Appears I stand corrected. This is 20 mins long but worth the watch.


----------



## Mark K

The recertification form/program has multiple problems from the perspective of the engineer performing the inspections.

Engineers do not certify buildings,  rather they express professional opinions.  Certifications have great impact on professional liability insurance premiums. and increase liability exposure.  This does not prevent the engineer from identifying likely problem areas and making recommendations.

The document does not include any objective criteria as to what is structurally safe thus making it difficult for the engineer to make a statement regarding  structural safety.  Structural safety is often times very subjective.  Note that the building code does not require a statement that the building is structurally safe.

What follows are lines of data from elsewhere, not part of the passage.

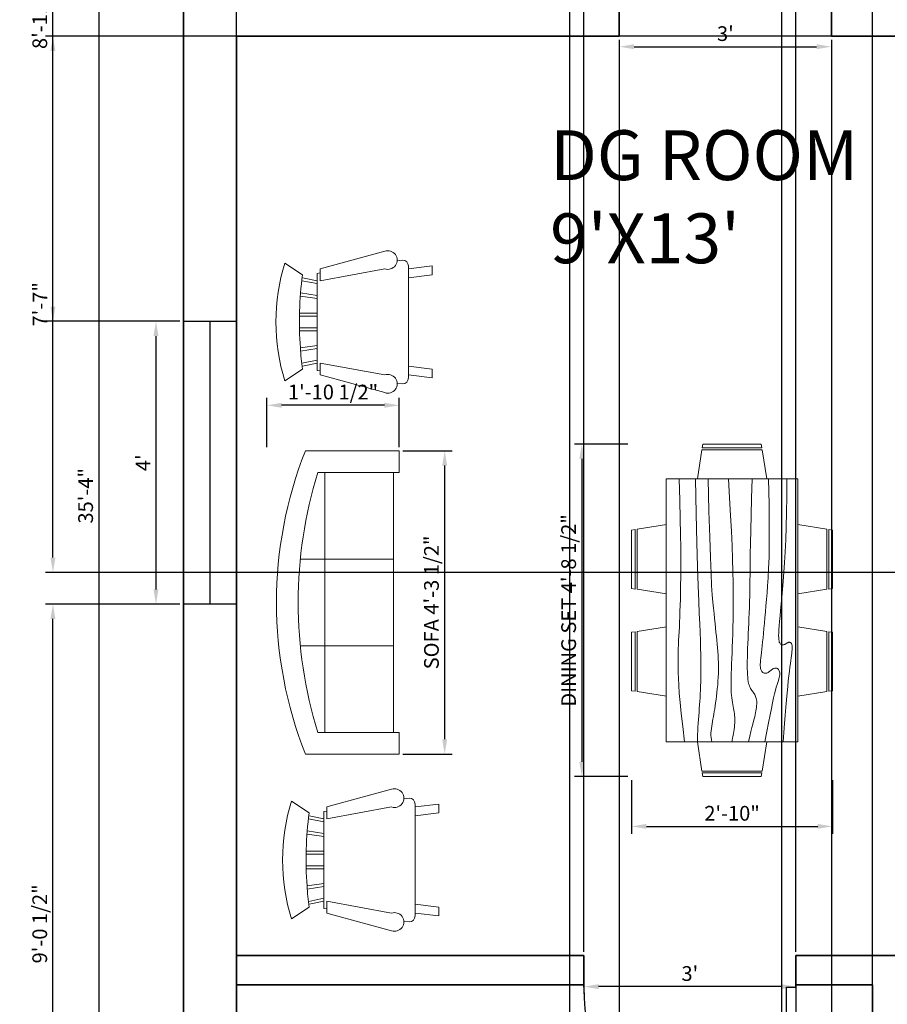
# Model space of a CAD drawing. Units: inches. Extents: x 2459 to 2755, y 1300 to 1776.
# Tile 2 of 4: x 2459 to 2606, y 1450 to 1617. Entities that reach past the tile are written whole.
import ezdxf

# ---------------------------------------------------------------- set-up
doc = ezdxf.new("R2010")
doc.units = ezdxf.units.IN
for name, color, linetype, lineweight in [('A-AREA-IDEN', 3, 'Continuous', 25), ('A-WALL', 7, 'Continuous', 35), ('DIM', 4, 'Continuous', 18), ('DOOR', 20, 'Continuous', 25), ('FURNITURE', 6, 'Continuous', 18), ('WIN', 2, 'Continuous', 25)]:
    doc.layers.add(name, color=color, linetype=linetype, lineweight=lineweight)
doc.styles.get("Standard").update_dxf_attribs({"font": 'arial.ttf'})
doc.dimstyles.new('ISO-25', dxfattribs={"dimtxt": 2.5, "dimasz": 2.5, "dimexe": 1.25, "dimexo": 0.625, "dimtad": 1, "dimlunit": 3, "dimtxsty": 'Standard', "dimcen": 2.5, "dimadec": 0, "dimazin": 0, "dimtfac": 1, "dimtmove": 0, "dimatfit": 3, "dimfxl": 1, "dimarcsym": 0})

# ---------------------------------------------------------------- blocks, each defined once
blk = doc.blocks.new('*U3')
for p, q in [((0, 0), (0, -6)), ((-40, 0), (-40, -6))]:
    blk.add_line(p, q)
blk.add_lwpolyline([(0, 0), (0, 40), (-1.75, 40), (-1.75, 0)], close=True)
blk.add_arc((0, 0), 40, 90, 180)
blk = doc.blocks.new('*U4')
for p, q in [((-40, 0), (-40, 6)), ((0, 0), (0, 6))]:
    blk.add_line(p, q)
blk.add_lwpolyline([(0, 0), (0, -40), (-1.75, -40), (-1.75, 0)], close=True)
blk.add_arc((0, 0), 40, 180, 270)
blk = doc.blocks.new('Dining Set - 36 x 72 in.')
for p, q in [((-22, 27.5), (-22.1562, 26.50042)), ((-22, 27.5), (-6, 27.5)), ((-5.8437, 26.49966), (-6, 27.5)), ((6, 27.5), (5.8438, 26.50042)), ((6, 27.5), (22, 27.5)), ((22.1563, 26.49966), (22, 27.5)), ((-22.2343, 26.00059), (-23.4847, 17.99762)), ((-22.2304, 26), (-5.7608, 26)), ((-5.8416, 26.5), (-22.1534, 26.5)), ((-4.5152, 17.99762), (-5.7655, 25.99926)), ((5.7657, 26.00059), (4.5153, 17.99762)), ((5.7696, 26), (22.2392, 26)), ((22.1584, 26.5), (5.8466, 26.5)), ((23.4848, 17.99762), (22.2345, 25.99926)), ((36, 18), (-36, 18)), ((-36, 18), (-36, -18)), ((36, -18), (36, 18)), ((-45.5, 8), (-44.5004, 8.15617)), ((-44.5, -8.15843), (-44.5, 8.15338)), ((-44.0006, 8.23428), (-35.9976, 9.48474)), ((-44, 8.23041), (-44, -8.23915)), ((44.0006, 8.23428), (35.9976, 9.48474)), ((44, 8.23041), (44, -8.23915)), ((44.5, -8.15843), (44.5, 8.15338)), ((45.5, 8), (44.5005, 8.15617)), ((-45.5, 8), (-45.5, -8)), ((45.5, 8), (45.5, -8)), ((-44.4997, -8.15631), (-45.5, -8)), ((44.4997, -8.15631), (45.5, -8)), ((-35.9976, -9.48476), (-43.9993, -8.2345)), ((35.9976, -9.48476), (43.9993, -8.2345)), ((-36, -18), (36, -18)), ((-22.2343, -26.0006), (-23.4847, -17.99762)), ((-4.5152, -17.99762), (-5.7655, -25.99928)), ((5.7657, -26.0006), (4.5153, -17.99762)), ((23.4848, -17.99762), (22.2345, -25.99928)), ((-22.2304, -26), (-5.7608, -26)), ((-22, -27.5), (-22.1562, -26.50044)), ((-5.8416, -26.5), (-22.1534, -26.5)), ((-5.8437, -26.49967), (-6, -27.5)), ((5.7696, -26), (22.2392, -26)), ((6, -27.5), (5.8438, -26.50044)), ((22.1584, -26.5), (5.8466, -26.5)), ((22.1563, -26.49967), (22, -27.5)), ((-22, -27.5), (-6, -27.5)), ((6, -27.5), (22, -27.5))]:
    blk.add_line(p, q)
for points in [[(-36, 15), (-31.1772, 14.97754), (-26.8079, 14.91406), (-22.8538, 14.81543), (-19.276, 14.6875), (-16.0362, 14.53613), (-13.0957, 14.36718), (-10.4159, 14.18652), (-7.9583, 14), (-5.6904, 13.81315), (-3.6035, 13.63021), (-1.6954, 13.45508), (0.0365, 13.29166), (1.5945, 13.14388), (2.9811, 13.01562), (4.1988, 12.9108), (5.25, 12.83333), (6.1393, 12.78613), (6.8802, 12.76823), (7.4883, 12.77767), (7.9792, 12.8125), (8.3685, 12.87077), (8.6719, 12.95052), (8.9049, 13.0498), (9.0833, 13.16666), (9.2205, 13.29899), (9.3216, 13.44401), (9.3895, 13.59879), (9.4271, 13.76041), (9.4373, 13.92594), (9.4232, 14.09245), (9.3875, 14.257), (9.3333, 14.41666), (9.2638, 14.56917), (9.1836, 14.71484), (9.0975, 14.85465), (9.0104, 14.98958), (8.9272, 15.1206), (8.8529, 15.2487), (8.7922, 15.37483), (8.75, 15.5), (8.7305, 15.62467), (8.7344, 15.74739), (8.7617, 15.86621), (8.8125, 15.97916), (8.8867, 16.08431), (8.9844, 16.17968), (9.1055, 16.26334), (9.25, 16.33333), (9.4189, 16.38802), (9.6172, 16.42708), (9.8506, 16.45052), (10.125, 16.45833), (10.4463, 16.45052), (10.8203, 16.42708), (11.2529, 16.38802), (11.75, 16.33333), (12.3184, 16.26318), (12.9694, 16.17838), (13.7151, 16.07991), (14.5677, 15.96875), (15.5395, 15.84586), (16.6426, 15.71224), (17.8893, 15.56884), (19.2917, 15.41666), (20.859, 15.25667), (22.5879, 15.08984), (24.4721, 14.91715), (26.5052, 14.73958), (28.6809, 14.5581), (30.9929, 14.3737), (33.4347, 14.18733), (36, 14)], [(-36, 10), (-28.9766, 10.14274), (-23.1725, 10.20442), (-18.4241, 10.19775), (-14.5677, 10.13541), (-11.4399, 10.03011), (-8.877, 9.89453), (-6.7154, 9.74137), (-4.7917, 9.58333), (-2.9698, 9.43082), (-1.2246, 9.28515), (0.4415, 9.14534), (2.026, 9.01041), (3.5266, 8.87939), (4.9408, 8.7513), (6.266, 8.62516), (7.5, 8.5), (8.6411, 8.37549), (9.6914, 8.2539), (10.6538, 8.13818), (11.5312, 8.03125), (12.3267, 7.93603), (13.043, 7.85547), (13.6831, 7.79248), (14.25, 7.75), (14.7471, 7.7303), (15.1797, 7.73307), (15.5537, 7.75732), (15.875, 7.80208), (16.1494, 7.86637), (16.3828, 7.94922), (16.5811, 8.04964), (16.75, 8.16666), (16.8944, 8.29915), (17.0143, 8.44531), (17.1089, 8.60319), (17.1771, 8.77083), (17.218, 8.94629), (17.2305, 9.1276), (17.2137, 9.31282), (17.1667, 9.5), (17.0895, 9.6875), (16.987, 9.875), (16.8649, 10.0625), (16.7292, 10.25), (16.5856, 10.4375), (16.4401, 10.625), (16.2985, 10.8125), (16.1667, 11), (16.05, 11.18733), (15.9518, 11.3737), (15.8752, 11.5581), (15.8229, 11.73958), (15.798, 11.91715), (15.8034, 12.08984), (15.842, 12.25667), (15.9167, 12.41666), (16.0295, 12.56836), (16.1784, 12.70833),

The discussion following the form can more appropriately be characterized a a rambling collection of random thoughts. 

The form does not give any indication of the criteria the building official will use in evaluating the report.  What constitutes good, fair, or poor condition when filling out the report form.


----------



## chris kennedy

This is an interesting pic. Note the slab punch through on the column. I may be just an electrician but I have installed so much conduit in these type of structures that the amount of reinforcing steel sticking out of this column just seems to be less than what I'm used to working around.


----------



## jar546

Perspective and discussion:


----------



## jar546

More information to digest and evaluate.  We may wait months for the official report on the cause of the collapse, but in the meantime, a healthy, professional discussion can take place.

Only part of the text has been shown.